You are a crazy, but daring girl!


----------



## Angelknitter12 (Feb 16, 2012)

Cindy, it was insane. I have no excuse except that I lost all sense when the soap making began. I made the first batch, thought it was ok after a week, so made three more. I have a recipe that I love but my friend borrowed my recipe book so I decided to get a little heady and try something new. Totally not my best move!
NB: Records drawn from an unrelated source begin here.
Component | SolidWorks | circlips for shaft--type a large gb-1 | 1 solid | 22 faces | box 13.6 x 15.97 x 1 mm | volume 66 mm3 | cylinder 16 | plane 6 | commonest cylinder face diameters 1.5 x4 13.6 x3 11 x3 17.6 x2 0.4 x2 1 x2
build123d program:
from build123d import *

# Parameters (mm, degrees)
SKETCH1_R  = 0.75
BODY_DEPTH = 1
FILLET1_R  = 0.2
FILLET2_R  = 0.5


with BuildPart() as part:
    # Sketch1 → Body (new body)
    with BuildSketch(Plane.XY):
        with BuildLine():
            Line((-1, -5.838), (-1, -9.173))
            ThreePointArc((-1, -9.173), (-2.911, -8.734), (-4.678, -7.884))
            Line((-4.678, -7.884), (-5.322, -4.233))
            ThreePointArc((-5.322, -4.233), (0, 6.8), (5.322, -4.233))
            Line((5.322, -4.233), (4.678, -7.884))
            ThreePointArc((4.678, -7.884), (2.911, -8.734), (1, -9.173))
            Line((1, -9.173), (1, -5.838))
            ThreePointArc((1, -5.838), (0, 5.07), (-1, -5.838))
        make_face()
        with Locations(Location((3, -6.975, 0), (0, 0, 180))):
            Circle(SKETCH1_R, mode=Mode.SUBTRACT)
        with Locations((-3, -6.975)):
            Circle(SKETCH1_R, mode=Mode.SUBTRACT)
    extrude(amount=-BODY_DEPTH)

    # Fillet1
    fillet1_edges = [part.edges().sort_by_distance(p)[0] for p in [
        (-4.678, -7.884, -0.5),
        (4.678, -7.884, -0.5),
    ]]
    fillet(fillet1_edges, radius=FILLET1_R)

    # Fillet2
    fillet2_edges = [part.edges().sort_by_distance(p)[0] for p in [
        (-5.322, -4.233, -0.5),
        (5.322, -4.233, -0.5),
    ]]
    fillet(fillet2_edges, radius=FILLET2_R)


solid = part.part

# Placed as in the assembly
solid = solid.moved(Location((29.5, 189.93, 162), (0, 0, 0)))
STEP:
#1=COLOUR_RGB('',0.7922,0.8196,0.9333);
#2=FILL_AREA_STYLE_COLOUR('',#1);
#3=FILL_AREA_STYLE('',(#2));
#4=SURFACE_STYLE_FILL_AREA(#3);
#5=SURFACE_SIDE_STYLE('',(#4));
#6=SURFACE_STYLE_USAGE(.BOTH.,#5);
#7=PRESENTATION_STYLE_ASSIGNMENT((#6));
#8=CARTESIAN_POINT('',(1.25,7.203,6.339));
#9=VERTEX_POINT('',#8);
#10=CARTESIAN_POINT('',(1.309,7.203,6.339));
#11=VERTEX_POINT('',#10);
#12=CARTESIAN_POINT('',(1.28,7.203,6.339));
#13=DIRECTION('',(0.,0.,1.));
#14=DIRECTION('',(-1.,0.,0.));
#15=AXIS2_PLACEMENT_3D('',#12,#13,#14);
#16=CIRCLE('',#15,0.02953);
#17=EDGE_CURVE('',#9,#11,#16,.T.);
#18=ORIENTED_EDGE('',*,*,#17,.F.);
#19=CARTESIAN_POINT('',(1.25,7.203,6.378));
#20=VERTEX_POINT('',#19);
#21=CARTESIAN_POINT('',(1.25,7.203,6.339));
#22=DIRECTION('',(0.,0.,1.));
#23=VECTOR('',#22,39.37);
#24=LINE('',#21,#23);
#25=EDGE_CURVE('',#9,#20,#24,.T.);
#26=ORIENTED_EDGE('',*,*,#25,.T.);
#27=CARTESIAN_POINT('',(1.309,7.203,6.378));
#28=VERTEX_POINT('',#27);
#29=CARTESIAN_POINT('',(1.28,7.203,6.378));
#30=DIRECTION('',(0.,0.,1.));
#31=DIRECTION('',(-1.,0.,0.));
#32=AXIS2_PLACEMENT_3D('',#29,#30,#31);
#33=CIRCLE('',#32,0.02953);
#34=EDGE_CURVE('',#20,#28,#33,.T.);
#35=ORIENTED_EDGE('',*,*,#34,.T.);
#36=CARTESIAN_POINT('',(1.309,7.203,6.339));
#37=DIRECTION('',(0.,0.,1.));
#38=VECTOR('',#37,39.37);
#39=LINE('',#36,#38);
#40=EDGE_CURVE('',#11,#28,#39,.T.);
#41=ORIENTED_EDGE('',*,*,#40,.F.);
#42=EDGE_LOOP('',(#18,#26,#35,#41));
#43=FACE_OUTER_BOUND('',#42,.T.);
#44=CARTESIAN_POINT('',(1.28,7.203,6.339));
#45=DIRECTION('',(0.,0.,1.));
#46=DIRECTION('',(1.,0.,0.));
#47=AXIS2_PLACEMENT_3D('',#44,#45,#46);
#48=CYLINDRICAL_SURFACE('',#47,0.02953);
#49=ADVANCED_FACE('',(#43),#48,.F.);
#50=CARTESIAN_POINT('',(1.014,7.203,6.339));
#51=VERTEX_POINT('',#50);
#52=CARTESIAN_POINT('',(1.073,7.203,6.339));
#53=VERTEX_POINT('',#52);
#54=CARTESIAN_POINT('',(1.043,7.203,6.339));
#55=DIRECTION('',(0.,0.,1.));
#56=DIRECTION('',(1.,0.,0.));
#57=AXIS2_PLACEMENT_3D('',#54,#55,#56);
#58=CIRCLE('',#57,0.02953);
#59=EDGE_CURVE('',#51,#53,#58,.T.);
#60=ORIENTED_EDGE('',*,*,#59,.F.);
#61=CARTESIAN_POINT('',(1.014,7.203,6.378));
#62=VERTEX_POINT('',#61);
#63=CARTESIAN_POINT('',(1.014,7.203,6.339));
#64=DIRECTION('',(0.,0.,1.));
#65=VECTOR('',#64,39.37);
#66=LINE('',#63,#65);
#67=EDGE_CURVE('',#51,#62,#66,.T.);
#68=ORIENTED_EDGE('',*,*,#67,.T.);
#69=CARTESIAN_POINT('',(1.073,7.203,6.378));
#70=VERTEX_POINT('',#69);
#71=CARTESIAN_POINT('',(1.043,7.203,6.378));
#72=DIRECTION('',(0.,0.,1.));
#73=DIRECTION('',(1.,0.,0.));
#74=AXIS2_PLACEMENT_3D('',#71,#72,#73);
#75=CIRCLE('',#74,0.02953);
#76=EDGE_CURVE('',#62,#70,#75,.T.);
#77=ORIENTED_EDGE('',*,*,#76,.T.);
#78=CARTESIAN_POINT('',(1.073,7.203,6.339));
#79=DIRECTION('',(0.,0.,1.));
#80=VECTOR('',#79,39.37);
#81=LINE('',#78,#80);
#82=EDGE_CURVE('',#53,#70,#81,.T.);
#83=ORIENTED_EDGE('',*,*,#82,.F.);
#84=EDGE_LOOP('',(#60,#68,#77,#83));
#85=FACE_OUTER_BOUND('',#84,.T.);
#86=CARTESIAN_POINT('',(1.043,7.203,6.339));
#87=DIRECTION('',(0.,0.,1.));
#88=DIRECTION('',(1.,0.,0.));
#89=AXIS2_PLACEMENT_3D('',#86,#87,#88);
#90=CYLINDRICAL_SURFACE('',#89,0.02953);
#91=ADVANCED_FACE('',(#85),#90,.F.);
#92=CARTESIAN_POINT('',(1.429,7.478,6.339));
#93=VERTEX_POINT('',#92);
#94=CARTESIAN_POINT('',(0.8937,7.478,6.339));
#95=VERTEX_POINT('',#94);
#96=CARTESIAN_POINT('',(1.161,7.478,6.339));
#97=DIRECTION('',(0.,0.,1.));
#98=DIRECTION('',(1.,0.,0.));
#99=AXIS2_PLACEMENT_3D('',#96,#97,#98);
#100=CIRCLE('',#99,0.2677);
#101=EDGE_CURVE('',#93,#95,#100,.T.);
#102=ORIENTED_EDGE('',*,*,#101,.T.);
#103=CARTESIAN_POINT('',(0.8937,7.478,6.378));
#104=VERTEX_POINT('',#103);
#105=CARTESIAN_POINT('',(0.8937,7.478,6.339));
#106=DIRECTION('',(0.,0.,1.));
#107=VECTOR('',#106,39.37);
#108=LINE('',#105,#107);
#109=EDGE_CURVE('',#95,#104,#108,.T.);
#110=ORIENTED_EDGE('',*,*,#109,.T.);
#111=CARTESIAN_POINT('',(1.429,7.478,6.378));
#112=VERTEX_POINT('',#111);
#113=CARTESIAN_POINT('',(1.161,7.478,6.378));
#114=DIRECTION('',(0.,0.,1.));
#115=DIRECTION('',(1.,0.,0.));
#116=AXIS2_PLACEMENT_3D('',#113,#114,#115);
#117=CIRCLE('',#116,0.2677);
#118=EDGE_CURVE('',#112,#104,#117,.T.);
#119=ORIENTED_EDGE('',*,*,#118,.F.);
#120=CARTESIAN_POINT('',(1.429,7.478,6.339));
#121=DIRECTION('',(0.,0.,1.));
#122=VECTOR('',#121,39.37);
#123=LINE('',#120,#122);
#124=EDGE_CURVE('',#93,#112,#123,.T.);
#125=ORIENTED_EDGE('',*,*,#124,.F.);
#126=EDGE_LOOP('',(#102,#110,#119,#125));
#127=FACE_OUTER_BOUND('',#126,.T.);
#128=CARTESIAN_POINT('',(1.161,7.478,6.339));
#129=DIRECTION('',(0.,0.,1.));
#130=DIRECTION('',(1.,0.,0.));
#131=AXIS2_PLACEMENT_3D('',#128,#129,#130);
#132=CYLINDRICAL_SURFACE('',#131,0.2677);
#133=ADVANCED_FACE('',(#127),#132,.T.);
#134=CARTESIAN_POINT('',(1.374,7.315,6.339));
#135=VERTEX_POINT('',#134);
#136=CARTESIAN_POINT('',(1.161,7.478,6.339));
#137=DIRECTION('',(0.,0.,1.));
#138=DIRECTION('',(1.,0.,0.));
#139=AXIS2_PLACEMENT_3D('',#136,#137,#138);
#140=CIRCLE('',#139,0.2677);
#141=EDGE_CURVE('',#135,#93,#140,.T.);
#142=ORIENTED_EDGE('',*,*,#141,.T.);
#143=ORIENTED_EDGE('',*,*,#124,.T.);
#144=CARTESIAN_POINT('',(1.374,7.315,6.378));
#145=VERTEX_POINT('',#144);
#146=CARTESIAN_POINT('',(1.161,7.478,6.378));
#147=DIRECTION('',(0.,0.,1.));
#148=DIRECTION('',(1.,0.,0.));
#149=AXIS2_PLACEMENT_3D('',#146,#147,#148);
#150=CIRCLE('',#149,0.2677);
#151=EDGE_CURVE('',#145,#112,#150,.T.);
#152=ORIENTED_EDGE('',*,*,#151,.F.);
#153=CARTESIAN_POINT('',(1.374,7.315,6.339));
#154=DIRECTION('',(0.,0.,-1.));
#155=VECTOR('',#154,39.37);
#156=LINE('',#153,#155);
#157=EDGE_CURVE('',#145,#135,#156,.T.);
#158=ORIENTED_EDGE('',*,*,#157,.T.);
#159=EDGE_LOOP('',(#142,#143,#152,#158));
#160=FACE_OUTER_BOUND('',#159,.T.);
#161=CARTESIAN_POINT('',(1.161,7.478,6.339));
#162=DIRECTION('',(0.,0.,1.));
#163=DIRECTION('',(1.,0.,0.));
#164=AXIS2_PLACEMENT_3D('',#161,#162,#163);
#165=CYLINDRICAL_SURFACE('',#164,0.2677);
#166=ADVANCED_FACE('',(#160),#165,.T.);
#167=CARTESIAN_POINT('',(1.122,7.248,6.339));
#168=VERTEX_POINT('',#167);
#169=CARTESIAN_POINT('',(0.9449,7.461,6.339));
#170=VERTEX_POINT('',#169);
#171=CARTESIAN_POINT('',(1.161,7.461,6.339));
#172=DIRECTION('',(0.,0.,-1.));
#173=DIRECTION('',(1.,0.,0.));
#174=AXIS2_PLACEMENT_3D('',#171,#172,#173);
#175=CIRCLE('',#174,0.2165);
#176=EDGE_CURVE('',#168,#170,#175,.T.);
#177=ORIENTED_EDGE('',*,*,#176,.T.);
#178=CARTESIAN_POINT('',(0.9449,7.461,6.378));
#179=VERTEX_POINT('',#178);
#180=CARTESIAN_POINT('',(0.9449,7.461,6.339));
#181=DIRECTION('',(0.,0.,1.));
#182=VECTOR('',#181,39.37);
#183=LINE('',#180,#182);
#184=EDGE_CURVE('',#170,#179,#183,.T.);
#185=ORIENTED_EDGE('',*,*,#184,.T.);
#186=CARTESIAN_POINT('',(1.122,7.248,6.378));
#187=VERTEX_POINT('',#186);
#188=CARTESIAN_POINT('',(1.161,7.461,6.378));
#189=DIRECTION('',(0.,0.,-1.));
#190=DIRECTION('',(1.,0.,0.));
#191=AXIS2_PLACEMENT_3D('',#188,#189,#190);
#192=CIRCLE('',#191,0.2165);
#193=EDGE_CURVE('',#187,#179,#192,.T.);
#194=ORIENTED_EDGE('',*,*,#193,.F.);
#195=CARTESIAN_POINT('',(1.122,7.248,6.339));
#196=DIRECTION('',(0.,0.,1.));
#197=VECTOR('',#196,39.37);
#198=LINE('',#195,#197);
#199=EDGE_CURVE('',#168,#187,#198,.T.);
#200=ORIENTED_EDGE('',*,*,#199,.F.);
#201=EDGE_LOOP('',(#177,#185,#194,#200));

Barb, I am fairly new here, and this sad mistake was before I came here and learned about the calculator. I had been working out of two soap making books. This recipe is one I got off of the net, and when I went back to try the lye calculator (too little to late anyway) the website with the recipe had been deleted. Lol

Live and learn. 

Thank you ladies!!


----------



## Guest (Mar 19, 2012)

Kami, don't throw it away... mix a couple of ounce of lye with some warm water, shred your soap up and melt it down adding more water and the lye water.. Add some washing soda and borox and you have tons of laundry soap for the next year.. works good too..
Barb


----------



## Angelknitter12 (Feb 16, 2012)

That sounds like the perfect plan!!


----------



## Guest (Mar 19, 2012)

16 oz shredded soap
About 30 to 60 oz water
2 cups borox
1 cup washing soda
Add your extra lye to some of the water, this will take out some of the superfatting and make it a harsher soap so that it cleans your clothes good... 
let this set for a day or two and if it gets too thick to pour add more water..
Let it set in a bucket or if it gets too thick in a narrow mouth jug, you can't get it out..


----------



## Angelknitter12 (Feb 16, 2012)

What is washing soda? I have never made laundry detergent. So this will be a liquid!! That works great. Any idea how well it works in an HE washer? I am excited to try this.


----------



## Guest (Mar 19, 2012)

Washing soda can usually be found in large grocery stores, Meijers here in Michigan carries it.. it is in a yellow box...
And yes I use mine in a HE machine and have now for two years.. and yes it is a liquid... 
Barb


----------



## Angelknitter12 (Feb 16, 2012)

Thank you Barb!


----------



## LynninTX (Oct 25, 2007)

Interesting! We had a fail batch a bit ago... a total goof on a measurement... realized part way into soaping it.

tried to use it as laundry soap without adding extra lye and it is NOT cleaning. I set it aside and made up a fresh batch with our laundry bars. I'll have to see if I can save it for laundry soap still... but with 6 boys I need soap that CLEANS!


----------